Wisconsin and Iowa are nominally public universities, though the taxpayer subsidy of state universities sometimes runs down into single-digit percentages. But why shouldn’t private universities recognize their responsibilities as well?
Stand up for science. There are many ways to put intelligence and political muscle together to defend embattled knowledge. One set of projects has been proposed by the 314action.org network (delightfully named for the first three digits of π). They are, in their own words, “members of the STEM Community, grassroots supporters and political activists committed to bring innovation to Science, Technology, Engineering, and Mathematics (STEM) Education, aggressively advocate for real solutions to Climate Change, and elect more STEM trained candidates to public office.” They have announced an April 22 (Earth Day) rally in Washington.
Such a mobilization, to my knowledge, will be unprecedented.

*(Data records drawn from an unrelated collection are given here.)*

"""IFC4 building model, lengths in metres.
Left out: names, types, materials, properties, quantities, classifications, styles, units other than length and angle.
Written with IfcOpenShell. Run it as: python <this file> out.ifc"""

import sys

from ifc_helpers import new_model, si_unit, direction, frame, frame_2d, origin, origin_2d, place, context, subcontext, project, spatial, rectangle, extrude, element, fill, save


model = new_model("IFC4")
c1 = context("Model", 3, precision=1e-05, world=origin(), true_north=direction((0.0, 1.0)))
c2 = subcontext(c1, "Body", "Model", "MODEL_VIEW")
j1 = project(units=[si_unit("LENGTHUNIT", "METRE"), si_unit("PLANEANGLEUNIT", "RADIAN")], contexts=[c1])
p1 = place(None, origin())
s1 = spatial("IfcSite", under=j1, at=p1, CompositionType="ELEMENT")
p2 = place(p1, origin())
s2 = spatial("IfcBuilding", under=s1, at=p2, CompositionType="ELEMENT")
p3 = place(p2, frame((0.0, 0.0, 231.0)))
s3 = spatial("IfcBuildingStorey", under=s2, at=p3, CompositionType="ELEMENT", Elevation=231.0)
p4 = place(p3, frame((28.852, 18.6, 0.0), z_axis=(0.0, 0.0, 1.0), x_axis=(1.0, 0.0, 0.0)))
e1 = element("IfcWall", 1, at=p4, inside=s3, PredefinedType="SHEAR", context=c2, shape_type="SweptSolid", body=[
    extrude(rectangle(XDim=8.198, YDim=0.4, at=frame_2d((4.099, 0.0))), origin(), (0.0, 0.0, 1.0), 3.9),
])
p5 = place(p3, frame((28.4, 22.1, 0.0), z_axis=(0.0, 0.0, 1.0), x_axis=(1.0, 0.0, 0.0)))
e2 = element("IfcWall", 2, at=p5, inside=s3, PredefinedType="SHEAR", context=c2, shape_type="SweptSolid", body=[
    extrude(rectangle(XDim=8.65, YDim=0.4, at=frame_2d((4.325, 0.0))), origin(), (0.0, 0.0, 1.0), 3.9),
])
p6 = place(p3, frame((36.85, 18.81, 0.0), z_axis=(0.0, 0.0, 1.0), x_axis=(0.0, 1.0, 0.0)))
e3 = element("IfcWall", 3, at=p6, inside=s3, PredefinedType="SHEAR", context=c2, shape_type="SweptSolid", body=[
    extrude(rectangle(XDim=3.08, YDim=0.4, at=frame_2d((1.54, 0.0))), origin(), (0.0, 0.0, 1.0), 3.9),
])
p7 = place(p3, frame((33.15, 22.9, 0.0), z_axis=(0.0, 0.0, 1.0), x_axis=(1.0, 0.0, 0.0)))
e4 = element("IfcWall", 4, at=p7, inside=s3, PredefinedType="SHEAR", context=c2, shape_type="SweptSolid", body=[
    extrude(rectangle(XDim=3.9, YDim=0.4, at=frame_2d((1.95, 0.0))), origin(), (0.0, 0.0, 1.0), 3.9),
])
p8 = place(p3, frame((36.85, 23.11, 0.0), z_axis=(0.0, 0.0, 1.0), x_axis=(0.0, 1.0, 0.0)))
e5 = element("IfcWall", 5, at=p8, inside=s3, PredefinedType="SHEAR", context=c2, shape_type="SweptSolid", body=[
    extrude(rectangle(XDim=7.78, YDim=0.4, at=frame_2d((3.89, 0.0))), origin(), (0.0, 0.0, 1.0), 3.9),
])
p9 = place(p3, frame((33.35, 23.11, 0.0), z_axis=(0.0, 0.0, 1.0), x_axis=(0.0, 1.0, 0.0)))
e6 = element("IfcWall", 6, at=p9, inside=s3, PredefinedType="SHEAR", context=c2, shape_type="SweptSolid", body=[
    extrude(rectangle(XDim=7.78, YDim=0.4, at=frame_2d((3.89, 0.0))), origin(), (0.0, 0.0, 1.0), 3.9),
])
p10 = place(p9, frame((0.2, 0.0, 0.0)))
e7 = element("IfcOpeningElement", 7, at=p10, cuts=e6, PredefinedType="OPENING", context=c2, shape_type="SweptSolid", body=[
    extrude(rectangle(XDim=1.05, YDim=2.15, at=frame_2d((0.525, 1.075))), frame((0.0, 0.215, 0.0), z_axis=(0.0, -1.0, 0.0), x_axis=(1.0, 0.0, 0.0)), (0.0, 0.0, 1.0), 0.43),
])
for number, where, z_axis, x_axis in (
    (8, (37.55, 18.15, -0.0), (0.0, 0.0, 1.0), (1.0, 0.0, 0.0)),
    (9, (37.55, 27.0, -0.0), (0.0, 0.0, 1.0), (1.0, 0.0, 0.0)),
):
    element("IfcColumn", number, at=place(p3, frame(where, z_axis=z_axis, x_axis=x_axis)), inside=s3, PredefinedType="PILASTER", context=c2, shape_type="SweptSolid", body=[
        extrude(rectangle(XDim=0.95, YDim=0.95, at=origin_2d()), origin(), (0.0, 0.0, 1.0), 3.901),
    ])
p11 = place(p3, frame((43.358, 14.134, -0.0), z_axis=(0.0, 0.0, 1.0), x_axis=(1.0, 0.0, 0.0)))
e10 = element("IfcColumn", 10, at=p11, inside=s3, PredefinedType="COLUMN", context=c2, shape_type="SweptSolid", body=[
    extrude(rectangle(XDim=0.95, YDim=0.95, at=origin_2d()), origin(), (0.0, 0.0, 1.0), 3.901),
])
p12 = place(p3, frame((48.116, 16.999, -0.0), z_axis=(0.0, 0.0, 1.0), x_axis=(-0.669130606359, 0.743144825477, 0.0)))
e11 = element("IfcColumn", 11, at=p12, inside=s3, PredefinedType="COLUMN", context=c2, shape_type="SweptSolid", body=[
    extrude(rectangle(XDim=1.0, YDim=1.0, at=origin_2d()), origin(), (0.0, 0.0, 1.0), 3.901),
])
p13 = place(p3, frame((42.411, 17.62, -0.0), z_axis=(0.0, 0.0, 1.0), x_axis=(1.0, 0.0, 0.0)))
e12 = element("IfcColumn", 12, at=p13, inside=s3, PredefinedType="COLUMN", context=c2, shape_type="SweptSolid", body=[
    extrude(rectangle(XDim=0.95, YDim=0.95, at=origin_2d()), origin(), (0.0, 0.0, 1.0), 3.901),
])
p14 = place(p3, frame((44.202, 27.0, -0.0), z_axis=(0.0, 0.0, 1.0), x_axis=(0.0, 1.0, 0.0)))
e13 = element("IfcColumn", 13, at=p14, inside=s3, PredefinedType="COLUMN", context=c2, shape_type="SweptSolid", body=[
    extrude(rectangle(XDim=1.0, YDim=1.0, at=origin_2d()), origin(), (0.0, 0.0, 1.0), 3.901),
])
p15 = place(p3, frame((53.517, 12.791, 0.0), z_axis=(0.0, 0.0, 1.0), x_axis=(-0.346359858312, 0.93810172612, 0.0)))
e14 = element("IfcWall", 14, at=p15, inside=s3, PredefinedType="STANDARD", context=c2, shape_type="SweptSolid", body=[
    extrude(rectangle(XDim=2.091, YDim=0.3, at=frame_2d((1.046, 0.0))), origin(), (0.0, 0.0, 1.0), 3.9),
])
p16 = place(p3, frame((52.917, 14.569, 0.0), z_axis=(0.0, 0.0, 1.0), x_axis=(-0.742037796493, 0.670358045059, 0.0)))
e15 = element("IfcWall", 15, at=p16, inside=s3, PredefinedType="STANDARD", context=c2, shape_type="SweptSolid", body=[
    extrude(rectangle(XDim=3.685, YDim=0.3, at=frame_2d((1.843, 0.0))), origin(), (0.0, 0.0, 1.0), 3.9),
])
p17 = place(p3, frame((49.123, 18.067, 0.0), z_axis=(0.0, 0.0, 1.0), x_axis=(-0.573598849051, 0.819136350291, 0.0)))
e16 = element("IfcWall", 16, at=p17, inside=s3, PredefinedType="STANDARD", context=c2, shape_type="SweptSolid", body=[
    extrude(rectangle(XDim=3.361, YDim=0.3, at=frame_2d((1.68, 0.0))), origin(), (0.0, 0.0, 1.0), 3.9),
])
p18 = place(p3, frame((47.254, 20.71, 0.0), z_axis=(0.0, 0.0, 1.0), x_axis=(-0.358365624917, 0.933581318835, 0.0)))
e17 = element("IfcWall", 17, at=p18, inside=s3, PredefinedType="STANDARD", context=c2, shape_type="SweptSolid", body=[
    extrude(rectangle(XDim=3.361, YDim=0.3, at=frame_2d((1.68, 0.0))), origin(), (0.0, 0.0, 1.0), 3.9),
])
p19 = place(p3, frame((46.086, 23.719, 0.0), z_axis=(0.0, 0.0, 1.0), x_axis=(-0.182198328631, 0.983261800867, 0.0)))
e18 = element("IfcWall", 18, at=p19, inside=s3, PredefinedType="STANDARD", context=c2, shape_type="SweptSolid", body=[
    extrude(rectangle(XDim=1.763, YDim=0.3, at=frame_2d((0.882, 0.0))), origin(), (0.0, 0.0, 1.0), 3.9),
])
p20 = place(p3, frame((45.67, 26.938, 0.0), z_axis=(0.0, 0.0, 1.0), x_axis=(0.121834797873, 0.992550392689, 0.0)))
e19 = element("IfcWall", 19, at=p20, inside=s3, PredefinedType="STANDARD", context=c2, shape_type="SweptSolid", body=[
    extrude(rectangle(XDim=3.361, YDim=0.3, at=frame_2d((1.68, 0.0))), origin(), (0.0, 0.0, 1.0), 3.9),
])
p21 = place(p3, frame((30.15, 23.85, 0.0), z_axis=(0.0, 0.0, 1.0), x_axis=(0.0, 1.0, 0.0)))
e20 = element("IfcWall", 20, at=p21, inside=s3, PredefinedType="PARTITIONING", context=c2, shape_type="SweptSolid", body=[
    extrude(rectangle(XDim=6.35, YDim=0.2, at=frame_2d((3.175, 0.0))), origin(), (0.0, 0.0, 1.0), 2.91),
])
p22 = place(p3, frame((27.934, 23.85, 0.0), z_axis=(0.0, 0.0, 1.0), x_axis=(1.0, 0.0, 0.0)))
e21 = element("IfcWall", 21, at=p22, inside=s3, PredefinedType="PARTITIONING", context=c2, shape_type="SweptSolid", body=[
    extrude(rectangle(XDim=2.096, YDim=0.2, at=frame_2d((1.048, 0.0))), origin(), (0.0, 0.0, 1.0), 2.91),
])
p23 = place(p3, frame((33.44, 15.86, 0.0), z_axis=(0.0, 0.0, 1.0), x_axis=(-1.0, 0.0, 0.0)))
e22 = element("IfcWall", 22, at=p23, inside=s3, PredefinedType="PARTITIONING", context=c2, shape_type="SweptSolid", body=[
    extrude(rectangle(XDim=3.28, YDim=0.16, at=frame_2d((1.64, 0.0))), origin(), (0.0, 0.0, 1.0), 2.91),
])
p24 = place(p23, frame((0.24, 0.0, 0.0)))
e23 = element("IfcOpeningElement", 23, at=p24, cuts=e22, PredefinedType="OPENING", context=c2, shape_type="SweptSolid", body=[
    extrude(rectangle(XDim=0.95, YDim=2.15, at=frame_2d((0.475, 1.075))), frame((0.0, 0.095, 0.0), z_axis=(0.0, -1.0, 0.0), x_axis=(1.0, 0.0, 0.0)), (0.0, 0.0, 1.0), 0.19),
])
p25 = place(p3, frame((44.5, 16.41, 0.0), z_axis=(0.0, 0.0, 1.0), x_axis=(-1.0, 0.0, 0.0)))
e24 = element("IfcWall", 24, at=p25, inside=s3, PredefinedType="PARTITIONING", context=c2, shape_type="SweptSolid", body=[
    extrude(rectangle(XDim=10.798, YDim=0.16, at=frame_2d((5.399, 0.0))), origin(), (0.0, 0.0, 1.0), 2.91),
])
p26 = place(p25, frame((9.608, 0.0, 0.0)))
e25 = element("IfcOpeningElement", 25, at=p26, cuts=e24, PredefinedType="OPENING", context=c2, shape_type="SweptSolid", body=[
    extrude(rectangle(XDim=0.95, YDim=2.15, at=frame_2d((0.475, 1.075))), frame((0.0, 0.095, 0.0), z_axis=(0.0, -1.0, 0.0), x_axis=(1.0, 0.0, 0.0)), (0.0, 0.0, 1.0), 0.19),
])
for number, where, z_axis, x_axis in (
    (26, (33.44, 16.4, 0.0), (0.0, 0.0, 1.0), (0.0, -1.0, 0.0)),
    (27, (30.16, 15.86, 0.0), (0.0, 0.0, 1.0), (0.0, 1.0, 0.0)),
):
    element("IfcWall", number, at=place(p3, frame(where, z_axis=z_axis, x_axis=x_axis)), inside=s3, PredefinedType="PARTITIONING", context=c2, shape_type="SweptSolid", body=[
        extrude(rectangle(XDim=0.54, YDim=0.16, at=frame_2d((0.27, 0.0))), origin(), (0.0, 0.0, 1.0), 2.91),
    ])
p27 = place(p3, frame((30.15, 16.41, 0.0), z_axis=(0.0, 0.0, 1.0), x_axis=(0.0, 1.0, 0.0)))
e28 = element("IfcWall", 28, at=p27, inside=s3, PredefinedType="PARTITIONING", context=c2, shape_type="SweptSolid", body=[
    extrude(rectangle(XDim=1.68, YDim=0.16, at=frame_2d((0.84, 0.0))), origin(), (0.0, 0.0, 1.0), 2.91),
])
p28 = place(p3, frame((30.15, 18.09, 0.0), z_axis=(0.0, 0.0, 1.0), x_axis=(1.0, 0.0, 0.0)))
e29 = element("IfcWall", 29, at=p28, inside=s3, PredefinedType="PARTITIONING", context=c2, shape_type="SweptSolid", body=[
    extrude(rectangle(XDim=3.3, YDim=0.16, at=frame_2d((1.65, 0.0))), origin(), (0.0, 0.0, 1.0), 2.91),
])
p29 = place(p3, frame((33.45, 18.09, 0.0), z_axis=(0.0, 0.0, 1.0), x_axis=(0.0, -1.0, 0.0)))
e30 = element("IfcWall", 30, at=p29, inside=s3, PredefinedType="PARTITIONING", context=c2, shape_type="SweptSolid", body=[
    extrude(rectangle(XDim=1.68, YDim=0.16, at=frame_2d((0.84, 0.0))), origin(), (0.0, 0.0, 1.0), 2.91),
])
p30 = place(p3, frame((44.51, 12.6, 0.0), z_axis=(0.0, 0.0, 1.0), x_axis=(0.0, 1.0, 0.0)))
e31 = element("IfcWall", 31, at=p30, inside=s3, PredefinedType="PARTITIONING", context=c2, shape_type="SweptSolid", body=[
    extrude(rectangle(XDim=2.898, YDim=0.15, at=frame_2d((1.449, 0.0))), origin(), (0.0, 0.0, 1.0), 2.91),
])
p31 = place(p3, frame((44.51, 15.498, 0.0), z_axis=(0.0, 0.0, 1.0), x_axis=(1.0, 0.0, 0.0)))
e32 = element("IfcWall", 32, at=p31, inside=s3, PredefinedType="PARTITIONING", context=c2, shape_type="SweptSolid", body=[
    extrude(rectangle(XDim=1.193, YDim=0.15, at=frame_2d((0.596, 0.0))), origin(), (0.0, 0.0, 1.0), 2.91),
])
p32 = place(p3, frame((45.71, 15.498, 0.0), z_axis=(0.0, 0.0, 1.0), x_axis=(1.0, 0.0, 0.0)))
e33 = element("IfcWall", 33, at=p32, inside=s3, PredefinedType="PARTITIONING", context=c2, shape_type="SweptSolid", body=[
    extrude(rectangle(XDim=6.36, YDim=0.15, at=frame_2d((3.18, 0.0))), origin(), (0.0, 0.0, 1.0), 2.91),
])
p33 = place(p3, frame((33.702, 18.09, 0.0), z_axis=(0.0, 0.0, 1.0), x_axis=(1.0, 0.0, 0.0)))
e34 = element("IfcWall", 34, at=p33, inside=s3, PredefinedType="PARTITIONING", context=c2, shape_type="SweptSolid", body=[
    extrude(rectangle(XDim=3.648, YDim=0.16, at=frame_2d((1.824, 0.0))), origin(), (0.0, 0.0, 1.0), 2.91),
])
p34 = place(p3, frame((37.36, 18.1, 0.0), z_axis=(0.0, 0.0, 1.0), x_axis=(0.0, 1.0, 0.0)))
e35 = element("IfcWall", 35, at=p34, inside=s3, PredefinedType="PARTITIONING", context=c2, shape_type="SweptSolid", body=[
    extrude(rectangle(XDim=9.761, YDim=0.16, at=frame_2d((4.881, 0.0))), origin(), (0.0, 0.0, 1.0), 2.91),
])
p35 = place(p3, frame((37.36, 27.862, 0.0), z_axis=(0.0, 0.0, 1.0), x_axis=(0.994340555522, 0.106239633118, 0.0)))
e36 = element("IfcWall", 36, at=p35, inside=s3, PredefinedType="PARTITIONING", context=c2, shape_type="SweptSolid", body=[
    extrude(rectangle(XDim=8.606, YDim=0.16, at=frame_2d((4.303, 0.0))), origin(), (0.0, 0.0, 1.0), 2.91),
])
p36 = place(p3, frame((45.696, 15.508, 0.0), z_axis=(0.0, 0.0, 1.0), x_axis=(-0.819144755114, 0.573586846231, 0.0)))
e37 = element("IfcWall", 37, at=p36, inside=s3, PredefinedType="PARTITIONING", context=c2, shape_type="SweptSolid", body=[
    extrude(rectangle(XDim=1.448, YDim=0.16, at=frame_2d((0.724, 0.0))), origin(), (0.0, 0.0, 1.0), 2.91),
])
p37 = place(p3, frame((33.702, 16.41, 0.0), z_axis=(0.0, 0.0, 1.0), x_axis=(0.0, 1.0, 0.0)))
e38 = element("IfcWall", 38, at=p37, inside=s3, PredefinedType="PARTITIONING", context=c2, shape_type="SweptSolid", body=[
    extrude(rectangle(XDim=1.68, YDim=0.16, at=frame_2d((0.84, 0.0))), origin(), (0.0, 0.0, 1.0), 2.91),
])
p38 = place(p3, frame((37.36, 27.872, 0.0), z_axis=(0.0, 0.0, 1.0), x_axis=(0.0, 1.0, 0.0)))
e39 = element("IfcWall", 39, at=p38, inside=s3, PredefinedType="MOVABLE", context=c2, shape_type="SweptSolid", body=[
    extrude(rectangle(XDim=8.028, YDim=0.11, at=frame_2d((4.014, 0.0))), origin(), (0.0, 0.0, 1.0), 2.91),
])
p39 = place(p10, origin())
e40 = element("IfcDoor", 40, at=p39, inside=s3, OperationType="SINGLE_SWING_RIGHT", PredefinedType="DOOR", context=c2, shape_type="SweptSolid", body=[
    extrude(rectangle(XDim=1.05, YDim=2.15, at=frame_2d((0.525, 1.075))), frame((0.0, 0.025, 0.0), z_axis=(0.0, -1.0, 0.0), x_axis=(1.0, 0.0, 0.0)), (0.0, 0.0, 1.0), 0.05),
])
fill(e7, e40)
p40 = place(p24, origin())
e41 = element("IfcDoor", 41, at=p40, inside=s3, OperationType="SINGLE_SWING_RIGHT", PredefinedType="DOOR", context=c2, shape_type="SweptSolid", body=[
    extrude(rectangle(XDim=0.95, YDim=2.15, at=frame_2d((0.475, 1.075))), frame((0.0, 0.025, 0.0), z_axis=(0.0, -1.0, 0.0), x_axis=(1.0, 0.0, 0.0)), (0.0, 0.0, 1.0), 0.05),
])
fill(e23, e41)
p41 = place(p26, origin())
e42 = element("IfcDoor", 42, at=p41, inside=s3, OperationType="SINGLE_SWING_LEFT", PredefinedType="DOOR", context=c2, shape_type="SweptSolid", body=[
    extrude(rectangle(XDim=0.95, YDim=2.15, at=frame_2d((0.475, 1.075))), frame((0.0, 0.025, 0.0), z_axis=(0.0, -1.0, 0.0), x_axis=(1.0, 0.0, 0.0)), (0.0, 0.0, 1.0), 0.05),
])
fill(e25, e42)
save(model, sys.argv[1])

Even in the late 1950s and 1960s, when many scientists protested against nuclear weapons, the Vietnam War, and antiballistic missile defense; even in the 1980s, when Physicians for Social Responsibility mobilized in favor of a nuclear freeze — even then, there was no single collective action by scientists.
Put up billboards. When truth is at a premium, when even simple facts are obscured in a fog of ideological distortion and culture war, why should universities dim their lights? Whether it’s a question of crime rates; of autism and vaccines; of the actual incidence of voter fraud as opposed to Trump’s outlandish claims that millions of illicit votes kept him from a popular-vote victory; of the percentage of scientists who believe that extreme climate change is a human-caused menace; or of projected sea-level rises — universities should be in the business of promoting knowledge.
Public-interest advertising has proved its use in public-health campaigns. Why not also visible, day-in-day-out public education toward social and political health overall? Why not straightforward statements about baseline truths so often traduced? It will be charged, of course, that taking the side of demonstrable truth is partisan and unfair, that some truths are controversial. Indeed they are: That is why the clamor of ignorant veto groups must be resisted. Are our universities too cowardly to stick up for knowledge?
Universities subsidize research. Professors and students conduct it, debate it, revise it. They unearth and aggregate data. Why should they hide their lights beneath bushels? When fraudulent claims run rife, why not go public — very public — with truths? Despite what generations of postmodernists suspect, there’s nothing partisan about facts. (As the saying goes, you’re entitled to your own opinion, not your own facts.)
In the age of instantaneous electronics, the humble billboard may seem retro. Think again. Billboards stay put for a while. They can be organized in time sequences — Billboard A for one week, Billboard B for the next. A billboard campaign would make news. Let us see whether it really has been superseded as a medium of communications — or simply neglected because ad agencies can make vastly more money on TV and social media.
It goes without saying that these are only preliminary notions. If universities are as essential, as fertile, as entrepreneurial, as brimming with intelligence, as eager to think outside the box, inside the box, or plain without the box, as we claim to be when we are shaking the cup for donors, we need to exercise our imaginations to step up in what is not only an emergency for the republic but also an emergency for the future of public reason itself.
Todd Gitlin is a professor of journalism and sociology and chair of the Ph.D. program in communications at Columbia University. An earlier version of this essay was delivered as a lecture at the University of California at Davis.